Columbia white-tailed deer at the Julia Butler Hansen National Wildlife Refuge.
(Beth Clifton photo)
Wetland restoration
Repairing the dike, however, was delayed, Heffernan continued, “because the dike and road were not owned by the Fish & Wildlife Service, so they could not do any repairs, and the county and diking district, which did own the road, were not able to afford the repairs.
“The dike was not under the Army Corps of Engineers’ jurisdiction, either,” Heffernan said.
But designating Steamboat Slough for tideland restoration, however, did enable the U.S. Army Corps of Engineers to initiate the 68-acre, $6 million project, Heffernan explained, “and federal salmon recovery funds were available.
“The changes included building a new mile-long dike to replace the failing section of the Steamboat Slough levee and opening that land back up to salmon.”

Columbian white-tailed doe and fawn at the Julia Butler Hansen National Wildlife Refuge. (Beth Clifton photo)
Success!
Exulted Willapa National Wildlife Refuge Complex project manager Jackie Ferrer, “It’s proven to be a real success. There is some deer use, the deer are protected [from floods,” which have killed as many as 100 Columbian white-tailed deer at a time in recent decades, “there’s a really good fish response, which is great, and the waterfowl response has been fantastic as well.”
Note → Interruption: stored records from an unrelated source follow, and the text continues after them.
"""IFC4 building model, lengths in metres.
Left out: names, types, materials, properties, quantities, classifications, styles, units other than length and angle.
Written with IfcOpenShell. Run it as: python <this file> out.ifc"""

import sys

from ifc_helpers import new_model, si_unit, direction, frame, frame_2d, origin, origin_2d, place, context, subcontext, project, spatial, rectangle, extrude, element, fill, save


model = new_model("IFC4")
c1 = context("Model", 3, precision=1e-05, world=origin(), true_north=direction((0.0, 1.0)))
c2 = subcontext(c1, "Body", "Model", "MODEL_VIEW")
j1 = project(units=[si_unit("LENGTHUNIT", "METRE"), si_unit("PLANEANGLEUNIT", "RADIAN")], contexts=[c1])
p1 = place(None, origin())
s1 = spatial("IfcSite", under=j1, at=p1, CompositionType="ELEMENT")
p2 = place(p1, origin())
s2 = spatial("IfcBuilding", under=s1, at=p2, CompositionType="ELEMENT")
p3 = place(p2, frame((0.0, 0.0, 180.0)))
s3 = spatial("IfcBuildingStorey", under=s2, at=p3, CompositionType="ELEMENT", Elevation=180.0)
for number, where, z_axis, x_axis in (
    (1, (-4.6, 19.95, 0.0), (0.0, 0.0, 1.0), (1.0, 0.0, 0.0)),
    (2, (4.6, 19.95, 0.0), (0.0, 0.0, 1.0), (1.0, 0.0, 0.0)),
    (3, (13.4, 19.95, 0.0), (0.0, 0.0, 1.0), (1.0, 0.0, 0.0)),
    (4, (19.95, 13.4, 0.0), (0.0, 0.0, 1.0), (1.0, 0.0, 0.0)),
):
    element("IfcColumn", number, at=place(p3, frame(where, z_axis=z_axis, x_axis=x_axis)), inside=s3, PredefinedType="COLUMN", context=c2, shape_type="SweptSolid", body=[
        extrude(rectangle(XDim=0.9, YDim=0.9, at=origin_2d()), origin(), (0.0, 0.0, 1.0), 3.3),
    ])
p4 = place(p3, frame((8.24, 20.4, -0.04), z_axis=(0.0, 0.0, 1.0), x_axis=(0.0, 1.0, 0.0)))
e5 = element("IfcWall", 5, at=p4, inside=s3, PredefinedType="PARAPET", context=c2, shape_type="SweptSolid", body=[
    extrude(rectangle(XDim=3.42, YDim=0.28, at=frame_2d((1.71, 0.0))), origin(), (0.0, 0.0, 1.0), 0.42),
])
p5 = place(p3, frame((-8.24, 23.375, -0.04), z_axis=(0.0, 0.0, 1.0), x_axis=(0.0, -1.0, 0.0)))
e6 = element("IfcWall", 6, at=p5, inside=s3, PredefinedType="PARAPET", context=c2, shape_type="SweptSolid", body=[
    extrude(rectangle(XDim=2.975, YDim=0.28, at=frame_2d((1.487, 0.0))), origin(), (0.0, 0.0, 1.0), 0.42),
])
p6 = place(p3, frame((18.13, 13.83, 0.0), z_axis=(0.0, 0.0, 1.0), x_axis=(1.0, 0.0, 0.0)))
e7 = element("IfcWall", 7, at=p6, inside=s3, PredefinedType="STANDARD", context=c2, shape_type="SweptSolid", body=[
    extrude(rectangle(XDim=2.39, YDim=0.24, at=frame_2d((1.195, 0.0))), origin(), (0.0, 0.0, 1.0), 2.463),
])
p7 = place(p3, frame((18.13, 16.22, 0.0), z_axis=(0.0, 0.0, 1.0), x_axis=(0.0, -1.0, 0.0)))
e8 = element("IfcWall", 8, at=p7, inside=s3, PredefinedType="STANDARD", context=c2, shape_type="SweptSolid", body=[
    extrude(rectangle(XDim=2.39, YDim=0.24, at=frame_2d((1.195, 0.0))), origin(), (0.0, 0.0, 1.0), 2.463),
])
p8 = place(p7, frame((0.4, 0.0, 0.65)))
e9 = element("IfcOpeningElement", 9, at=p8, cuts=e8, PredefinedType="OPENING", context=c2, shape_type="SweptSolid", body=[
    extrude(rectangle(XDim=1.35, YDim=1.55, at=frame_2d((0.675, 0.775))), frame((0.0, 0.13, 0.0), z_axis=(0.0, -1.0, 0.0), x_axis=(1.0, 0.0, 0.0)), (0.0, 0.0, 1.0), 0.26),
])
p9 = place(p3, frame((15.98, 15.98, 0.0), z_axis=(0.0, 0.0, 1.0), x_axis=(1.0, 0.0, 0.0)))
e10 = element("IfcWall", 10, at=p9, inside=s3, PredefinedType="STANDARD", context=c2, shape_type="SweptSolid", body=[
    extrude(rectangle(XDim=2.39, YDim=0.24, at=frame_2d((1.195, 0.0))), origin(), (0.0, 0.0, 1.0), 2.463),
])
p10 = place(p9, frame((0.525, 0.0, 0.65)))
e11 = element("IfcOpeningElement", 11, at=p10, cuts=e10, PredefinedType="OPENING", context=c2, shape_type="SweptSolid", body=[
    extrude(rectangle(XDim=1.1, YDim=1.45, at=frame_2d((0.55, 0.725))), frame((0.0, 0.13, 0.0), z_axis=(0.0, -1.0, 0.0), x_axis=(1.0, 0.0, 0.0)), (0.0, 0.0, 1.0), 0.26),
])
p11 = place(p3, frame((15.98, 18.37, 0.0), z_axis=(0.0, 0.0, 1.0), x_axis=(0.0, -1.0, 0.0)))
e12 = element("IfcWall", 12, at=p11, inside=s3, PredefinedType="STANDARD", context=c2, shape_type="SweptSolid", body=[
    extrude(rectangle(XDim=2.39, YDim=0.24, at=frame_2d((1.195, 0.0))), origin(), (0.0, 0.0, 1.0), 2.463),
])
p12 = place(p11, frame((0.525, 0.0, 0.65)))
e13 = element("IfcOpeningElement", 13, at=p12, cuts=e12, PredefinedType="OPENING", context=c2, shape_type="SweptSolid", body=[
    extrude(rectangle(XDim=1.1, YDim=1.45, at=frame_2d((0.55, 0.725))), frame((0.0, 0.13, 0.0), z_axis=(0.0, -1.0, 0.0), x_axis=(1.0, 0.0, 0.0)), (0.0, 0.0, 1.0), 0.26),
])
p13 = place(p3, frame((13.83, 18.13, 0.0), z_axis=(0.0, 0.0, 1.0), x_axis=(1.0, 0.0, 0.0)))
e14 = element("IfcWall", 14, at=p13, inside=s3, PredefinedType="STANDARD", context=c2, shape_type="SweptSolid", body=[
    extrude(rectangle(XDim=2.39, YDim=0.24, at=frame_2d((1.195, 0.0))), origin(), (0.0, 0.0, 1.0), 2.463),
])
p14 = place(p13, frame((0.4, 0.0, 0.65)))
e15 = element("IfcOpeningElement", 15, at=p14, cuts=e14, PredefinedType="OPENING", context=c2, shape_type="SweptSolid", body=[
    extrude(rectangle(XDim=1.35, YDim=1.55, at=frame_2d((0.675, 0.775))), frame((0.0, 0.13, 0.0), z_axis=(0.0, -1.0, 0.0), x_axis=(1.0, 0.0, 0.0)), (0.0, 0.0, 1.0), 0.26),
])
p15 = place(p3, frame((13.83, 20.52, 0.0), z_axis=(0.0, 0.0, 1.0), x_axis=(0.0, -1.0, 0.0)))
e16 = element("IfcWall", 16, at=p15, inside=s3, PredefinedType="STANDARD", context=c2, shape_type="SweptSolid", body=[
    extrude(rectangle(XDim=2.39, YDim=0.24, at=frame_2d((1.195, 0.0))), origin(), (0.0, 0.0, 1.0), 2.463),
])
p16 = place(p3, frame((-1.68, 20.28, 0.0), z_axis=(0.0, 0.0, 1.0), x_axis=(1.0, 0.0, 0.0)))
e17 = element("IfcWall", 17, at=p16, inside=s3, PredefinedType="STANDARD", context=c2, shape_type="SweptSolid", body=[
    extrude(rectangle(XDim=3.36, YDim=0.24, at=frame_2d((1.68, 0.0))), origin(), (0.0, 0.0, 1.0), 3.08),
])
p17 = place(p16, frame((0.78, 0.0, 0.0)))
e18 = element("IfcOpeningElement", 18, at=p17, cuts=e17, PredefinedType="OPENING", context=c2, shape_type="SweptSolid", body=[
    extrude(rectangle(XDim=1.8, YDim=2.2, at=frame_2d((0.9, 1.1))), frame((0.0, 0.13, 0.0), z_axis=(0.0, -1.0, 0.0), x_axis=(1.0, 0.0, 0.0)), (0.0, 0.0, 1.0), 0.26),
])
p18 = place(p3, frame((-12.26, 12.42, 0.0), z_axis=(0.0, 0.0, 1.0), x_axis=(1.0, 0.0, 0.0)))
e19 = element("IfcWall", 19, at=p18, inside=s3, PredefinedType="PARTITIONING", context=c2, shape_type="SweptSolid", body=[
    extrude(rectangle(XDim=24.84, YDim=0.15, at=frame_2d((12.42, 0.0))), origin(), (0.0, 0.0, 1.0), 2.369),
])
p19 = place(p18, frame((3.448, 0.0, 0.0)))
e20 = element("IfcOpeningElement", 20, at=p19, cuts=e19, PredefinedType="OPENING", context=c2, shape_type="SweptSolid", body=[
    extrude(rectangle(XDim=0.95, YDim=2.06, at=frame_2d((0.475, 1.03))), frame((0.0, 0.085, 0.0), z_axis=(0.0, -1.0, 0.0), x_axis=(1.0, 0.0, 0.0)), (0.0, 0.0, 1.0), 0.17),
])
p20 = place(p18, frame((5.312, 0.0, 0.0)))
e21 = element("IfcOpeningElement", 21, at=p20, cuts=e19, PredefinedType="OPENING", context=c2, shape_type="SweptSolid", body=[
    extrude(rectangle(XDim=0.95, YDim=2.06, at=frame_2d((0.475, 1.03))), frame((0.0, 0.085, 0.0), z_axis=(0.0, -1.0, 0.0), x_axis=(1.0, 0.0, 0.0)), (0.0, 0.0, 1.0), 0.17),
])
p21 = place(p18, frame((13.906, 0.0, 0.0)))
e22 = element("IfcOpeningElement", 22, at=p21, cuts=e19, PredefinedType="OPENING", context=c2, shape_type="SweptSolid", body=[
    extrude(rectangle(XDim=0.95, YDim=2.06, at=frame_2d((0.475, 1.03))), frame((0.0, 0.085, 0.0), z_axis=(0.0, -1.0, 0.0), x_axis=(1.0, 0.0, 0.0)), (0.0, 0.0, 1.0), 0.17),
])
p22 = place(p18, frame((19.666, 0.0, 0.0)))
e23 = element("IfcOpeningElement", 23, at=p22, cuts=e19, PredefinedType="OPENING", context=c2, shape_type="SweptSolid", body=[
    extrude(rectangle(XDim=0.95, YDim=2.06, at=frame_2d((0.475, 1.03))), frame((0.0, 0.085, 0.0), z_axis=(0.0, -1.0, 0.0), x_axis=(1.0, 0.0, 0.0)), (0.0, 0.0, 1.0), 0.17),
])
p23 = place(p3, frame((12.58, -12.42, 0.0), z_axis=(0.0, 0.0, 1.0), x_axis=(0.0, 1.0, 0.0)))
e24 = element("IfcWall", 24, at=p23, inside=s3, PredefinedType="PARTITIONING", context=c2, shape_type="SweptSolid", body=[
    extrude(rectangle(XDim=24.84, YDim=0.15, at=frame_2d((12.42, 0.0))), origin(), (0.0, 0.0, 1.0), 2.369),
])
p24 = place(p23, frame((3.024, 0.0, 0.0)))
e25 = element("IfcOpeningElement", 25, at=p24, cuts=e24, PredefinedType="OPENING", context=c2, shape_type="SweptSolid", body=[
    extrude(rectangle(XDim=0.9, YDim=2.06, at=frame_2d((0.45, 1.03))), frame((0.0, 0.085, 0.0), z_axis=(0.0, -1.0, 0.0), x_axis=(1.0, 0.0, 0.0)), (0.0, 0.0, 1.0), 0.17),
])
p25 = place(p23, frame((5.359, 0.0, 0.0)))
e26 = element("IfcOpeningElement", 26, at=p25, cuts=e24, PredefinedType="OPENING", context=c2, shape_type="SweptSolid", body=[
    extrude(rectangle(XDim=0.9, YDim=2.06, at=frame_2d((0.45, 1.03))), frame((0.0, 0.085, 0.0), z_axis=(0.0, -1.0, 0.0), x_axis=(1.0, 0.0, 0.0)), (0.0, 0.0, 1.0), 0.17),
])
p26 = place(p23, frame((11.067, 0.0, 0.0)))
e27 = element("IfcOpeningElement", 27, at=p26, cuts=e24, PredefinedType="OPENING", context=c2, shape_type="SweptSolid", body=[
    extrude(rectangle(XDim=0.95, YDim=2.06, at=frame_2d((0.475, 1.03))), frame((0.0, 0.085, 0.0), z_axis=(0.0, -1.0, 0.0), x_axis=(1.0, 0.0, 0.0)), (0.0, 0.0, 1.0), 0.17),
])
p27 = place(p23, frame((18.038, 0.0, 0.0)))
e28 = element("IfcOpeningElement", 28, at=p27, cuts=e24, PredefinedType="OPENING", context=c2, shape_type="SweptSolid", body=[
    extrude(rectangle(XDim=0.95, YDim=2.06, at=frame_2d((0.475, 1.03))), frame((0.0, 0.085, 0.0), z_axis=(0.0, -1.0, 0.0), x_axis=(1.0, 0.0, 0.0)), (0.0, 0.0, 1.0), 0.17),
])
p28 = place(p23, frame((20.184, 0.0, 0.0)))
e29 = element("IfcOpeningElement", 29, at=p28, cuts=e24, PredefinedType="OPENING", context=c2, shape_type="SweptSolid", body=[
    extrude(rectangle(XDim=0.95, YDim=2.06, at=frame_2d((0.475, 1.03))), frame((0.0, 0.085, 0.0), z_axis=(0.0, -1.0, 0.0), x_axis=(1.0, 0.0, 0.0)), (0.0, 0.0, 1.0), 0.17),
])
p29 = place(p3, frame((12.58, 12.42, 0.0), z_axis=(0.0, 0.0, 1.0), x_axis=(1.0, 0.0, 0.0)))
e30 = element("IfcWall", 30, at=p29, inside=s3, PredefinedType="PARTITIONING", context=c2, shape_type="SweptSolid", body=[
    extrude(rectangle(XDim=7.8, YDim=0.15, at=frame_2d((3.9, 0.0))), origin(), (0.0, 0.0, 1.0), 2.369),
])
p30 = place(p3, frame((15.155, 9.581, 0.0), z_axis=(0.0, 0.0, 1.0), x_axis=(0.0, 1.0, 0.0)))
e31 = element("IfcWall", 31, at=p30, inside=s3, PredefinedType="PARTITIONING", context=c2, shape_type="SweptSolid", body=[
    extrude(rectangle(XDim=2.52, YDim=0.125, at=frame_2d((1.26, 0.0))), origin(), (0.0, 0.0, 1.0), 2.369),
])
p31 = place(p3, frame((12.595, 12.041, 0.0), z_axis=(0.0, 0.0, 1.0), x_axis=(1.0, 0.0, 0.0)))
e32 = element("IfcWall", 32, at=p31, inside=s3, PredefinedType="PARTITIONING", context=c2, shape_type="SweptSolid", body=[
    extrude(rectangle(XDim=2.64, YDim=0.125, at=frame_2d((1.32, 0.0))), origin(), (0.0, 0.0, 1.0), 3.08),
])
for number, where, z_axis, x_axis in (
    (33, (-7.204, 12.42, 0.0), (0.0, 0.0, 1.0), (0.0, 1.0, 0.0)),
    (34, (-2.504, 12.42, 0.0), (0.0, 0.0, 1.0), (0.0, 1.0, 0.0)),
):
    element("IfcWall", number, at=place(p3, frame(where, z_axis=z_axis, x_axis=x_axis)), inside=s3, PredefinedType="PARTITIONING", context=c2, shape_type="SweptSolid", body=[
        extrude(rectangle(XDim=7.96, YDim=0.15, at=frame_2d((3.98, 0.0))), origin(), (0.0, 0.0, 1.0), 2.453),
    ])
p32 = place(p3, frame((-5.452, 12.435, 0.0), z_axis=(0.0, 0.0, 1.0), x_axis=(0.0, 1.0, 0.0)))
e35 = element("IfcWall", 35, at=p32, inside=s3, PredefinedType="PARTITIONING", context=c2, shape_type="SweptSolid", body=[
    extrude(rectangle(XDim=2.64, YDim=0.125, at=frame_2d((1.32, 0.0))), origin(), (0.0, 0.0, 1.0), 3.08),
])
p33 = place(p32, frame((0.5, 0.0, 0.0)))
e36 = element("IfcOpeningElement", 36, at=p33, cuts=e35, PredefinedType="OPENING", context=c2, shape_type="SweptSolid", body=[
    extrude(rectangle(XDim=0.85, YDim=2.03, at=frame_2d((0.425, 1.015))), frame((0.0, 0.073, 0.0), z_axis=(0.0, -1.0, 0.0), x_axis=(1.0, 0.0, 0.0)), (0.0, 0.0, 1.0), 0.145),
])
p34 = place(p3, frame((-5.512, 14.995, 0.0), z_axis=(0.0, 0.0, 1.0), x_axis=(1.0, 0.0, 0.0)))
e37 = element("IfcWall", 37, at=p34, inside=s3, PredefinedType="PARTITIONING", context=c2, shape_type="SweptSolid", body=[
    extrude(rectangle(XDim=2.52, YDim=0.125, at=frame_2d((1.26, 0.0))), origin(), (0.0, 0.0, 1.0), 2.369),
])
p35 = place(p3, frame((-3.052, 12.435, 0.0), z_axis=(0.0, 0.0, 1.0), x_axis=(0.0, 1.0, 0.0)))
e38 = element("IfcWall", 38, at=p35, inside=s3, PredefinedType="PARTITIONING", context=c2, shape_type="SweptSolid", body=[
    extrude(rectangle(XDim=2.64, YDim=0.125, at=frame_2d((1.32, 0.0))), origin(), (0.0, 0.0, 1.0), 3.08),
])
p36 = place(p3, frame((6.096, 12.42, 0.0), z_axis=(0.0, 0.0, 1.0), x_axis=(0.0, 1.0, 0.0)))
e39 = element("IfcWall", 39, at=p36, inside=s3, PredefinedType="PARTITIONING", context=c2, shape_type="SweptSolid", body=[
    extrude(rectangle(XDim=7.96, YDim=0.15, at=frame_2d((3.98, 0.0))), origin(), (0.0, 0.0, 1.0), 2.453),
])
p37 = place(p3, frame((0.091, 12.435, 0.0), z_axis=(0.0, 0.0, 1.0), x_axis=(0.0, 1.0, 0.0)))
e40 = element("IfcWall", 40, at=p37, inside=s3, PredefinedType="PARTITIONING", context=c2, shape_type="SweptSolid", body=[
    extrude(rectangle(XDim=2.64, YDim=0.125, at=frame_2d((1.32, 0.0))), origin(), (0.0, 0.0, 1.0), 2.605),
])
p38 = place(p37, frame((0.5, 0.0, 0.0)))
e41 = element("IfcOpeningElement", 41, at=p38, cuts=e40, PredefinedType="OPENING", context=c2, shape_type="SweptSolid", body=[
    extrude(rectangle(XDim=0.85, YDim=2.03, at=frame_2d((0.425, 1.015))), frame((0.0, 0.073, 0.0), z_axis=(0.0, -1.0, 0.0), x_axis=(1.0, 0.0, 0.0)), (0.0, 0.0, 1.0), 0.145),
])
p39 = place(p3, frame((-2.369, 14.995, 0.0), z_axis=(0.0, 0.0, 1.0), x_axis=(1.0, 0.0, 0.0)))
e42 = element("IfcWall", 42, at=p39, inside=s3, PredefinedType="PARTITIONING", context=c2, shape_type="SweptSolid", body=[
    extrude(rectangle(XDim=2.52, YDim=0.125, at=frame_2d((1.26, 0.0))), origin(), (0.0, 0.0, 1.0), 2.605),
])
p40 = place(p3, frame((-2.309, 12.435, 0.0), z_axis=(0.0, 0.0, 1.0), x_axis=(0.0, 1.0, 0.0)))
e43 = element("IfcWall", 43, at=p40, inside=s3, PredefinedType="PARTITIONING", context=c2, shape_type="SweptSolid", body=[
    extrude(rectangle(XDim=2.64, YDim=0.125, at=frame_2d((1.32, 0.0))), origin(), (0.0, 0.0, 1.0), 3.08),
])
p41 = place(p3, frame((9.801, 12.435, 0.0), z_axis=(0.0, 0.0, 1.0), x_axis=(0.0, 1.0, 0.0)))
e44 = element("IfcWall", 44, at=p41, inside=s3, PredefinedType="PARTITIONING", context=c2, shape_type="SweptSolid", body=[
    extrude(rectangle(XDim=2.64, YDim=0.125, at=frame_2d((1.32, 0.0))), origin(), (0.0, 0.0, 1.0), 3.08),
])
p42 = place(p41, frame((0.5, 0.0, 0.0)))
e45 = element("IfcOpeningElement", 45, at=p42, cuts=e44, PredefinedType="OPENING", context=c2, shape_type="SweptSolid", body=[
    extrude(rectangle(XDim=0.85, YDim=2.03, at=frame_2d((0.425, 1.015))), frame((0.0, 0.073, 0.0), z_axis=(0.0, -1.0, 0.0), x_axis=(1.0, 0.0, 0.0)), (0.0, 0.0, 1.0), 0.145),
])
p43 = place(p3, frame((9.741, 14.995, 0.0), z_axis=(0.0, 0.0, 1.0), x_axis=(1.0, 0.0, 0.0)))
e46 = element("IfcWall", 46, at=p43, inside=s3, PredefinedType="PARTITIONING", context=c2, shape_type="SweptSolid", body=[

The biggest benefit to the tideland restoration, however, is that many of the former Julia Butler Hansen National Wildlife Refuge cow pastures have become protected wetlands.

Beth & Merritt Clifton
Wetlands, as it happens, are more stringently protected in the U.S., by more levels of law enforcement, than most other portions of National Wildlife Refuges, including the endangered species who live there.
And that means no more bullshit about why the Julia Butler Hansen National Wildlife Refuge exists.